Powered by Kohler OHV engine. 
Premium alternator provides 6% harmonic distortion. 
12-gal. fuel tank
Full power switch
1 in. frame protects the generator and can be used for lifting
Low oil shutdown

The Kohler engine is a big plus. What's unknown is where the product is actually made and how well it's made. Several companies sell this model; but, none of them have reviews posted. At least Home Depot has a 30 day return policy.

Have any of you had experience with the Pramac brand of portable generators?


----------



## Fn/Form (Nov 6, 2008)

Country Living said:


> ...
> 
> Have any of you had experience with the Pramac brand of portable generators?


 Check youtube as well. I looked at the website and was encouraged to see they offer custom solutions as well. Not a sign of a 100% cheapy company. Sorry, no more info than that.


----------



## squerly (Aug 17, 2012)

Country Living said:


> The Kohler engine is a big plus. What's unknown is where the product is actually made and how well it's made.


No reviews but it appears to be made in Indonesia.

LINK


----------



## helicopter5472 (Feb 25, 2013)

Well Kohler is well respected as is Yanmar diesel ,used in many boat applications.


----------



## Enceladus (Dec 26, 2010)

I bought a Pramac three years ago and its working fine. Its has a 5 gallon tank, electric start, and a Yanmar engine.

Problem: when I tried to pull start it, one of the three rubber shocks that holds the engine ripped in half.


----------



## dav84 (Nov 20, 2014)

If your looking for long term dependability buy a Honda eu2000 very fuel efficient,Quiet,High resale value. You cant go wrong.


----------



## Genevieve (Sep 21, 2009)

we're looking for a diesel generator ourselves and it's slow going. we want one to do the whole house although I keep telling hubby that as long as the fridge,freezer and well pump works I'm happy. He's the one that has to have the tv and such on lol

I found these 2 sites and hubby has been checking on some others but I don't know what they are.

http://www.hardydiesel.com/kubota-generators/kubota-7-kw.html

http://www.lister-petter.com/p/power-water-solutions/4/lp-range/2/generator-sets

we want to switch to diesel because the fuel lasts longer than gas will


----------



## LincTex (Apr 1, 2011)

Genevieve said:


> we're looking for a diesel generator ourselves and it's slow going. we want one to do the whole house although I keep telling hubby that as long as the fridge,freezer and well pump works I'm happy.


Genevieve,
I've worked on generators off and on for almost 30 years.

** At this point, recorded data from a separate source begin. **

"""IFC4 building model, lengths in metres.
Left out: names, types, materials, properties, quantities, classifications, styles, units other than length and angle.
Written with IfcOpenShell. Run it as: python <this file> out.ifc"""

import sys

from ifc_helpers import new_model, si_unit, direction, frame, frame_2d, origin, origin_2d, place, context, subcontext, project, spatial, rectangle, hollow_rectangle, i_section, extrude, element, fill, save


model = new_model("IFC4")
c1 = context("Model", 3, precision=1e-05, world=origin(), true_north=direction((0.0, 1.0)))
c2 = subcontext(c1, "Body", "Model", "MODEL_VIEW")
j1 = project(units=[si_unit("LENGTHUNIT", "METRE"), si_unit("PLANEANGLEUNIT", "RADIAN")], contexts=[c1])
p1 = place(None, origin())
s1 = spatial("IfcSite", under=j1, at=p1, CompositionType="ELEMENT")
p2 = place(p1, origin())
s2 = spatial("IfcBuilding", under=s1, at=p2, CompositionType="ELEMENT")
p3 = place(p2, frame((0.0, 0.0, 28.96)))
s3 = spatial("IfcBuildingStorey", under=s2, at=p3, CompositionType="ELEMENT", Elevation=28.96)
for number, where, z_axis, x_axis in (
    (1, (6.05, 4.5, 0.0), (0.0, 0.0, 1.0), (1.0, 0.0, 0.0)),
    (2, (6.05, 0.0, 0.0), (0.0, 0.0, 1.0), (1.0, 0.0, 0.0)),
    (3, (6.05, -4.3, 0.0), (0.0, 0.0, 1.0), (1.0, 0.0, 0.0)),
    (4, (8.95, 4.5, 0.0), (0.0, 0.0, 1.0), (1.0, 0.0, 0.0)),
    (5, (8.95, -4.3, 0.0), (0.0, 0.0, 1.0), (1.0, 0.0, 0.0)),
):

I would strongly suggest you look for a good, used Terex/Amida/Allmand (or similar) "light tower" with a Kubota D905 engine. These are 6.5 KW and run at 1800 RPM (the speed is VERY important for longevity). We have these things at work; some run 24/7/365 and have over 20,000 hours without a problem. One of these will run the whole house as long as you don't use a lot of heavy loads at the same time, like electric water heater, electric oven, clothes dryer, or central A/C.
http://www.ebay.com/itm/2005-Allman...r-Kubota-Diesel-Engine-Generator/141467297665

The other option I would recommend is look for a diesel Kubota generator from a wrecked motorhome. They are a little harder to find, but they are out there. In Texas they go for about $2000 - $2500 for one in excellent condition. Many of them are large enough they will easily handle the "average" loads of an "average" home.
Here's one: 
http://www.ebay.com/itm/Onan-7-5-KW...l-Motor-Home-RV-Stand-By-Gen-Set/351179648827

The Kubota you posted from the Hardy site is OK, and was designed to keep trucker cabs climate controlled so they don't have to run the big rig engine. I tend to shy away from generators with their own enclosure... I like to have the generator in a small shed by itself instead. There are pros and cons of going either way.


----------



## LincTex (Apr 1, 2011)

I consider RPM to be an extremely critical factor when selecting a generator. The two main types you'll see in the USA for 60Hz power here is 1800 RPM and 3600 RPM (foreign models for 50Hz will be 3000 and 1500 RPM)

Even though they may have the same power output rating, They are not exactly the same thing....

3600 RPM units are smaller, lighter, which makes the GREAT for something that needs to be portable. ... they also burn more fuel, are much louder, and wear out faster.

1800 RPM units are bigger, heavier - typically burn a little less fuel, are quite a bit quieter, but will also last for 1000's upon 1000's of hours if taken care of.

I mentioned earlier the light towers that use a D905 Kubota engine: these will last for 20,000 hours. We have several that are over that mark, or getting near it ( I looked at one this morning with 18,313 on it). They are 905 cc's, about 12-14 HP or so and are pretty darn heavy. They are typically 6.5KW

Here's a little Kubota genset designed for semi-trucks: Its only 482cc's (a little bigger than half the size of the D905), but runs at 3600 RPM. It's also rated for 6.5KW 
http://www.ebay.com/itm/New-Portabl...GL7000-7000-Watts-7kW-Ships-Free/201156947582

Which of these two do you think I would rather have


----------



## labotomi (Feb 14, 2010)

The faster the generator turns, the fewer electrical poles the generator needs to produce the same frequency. 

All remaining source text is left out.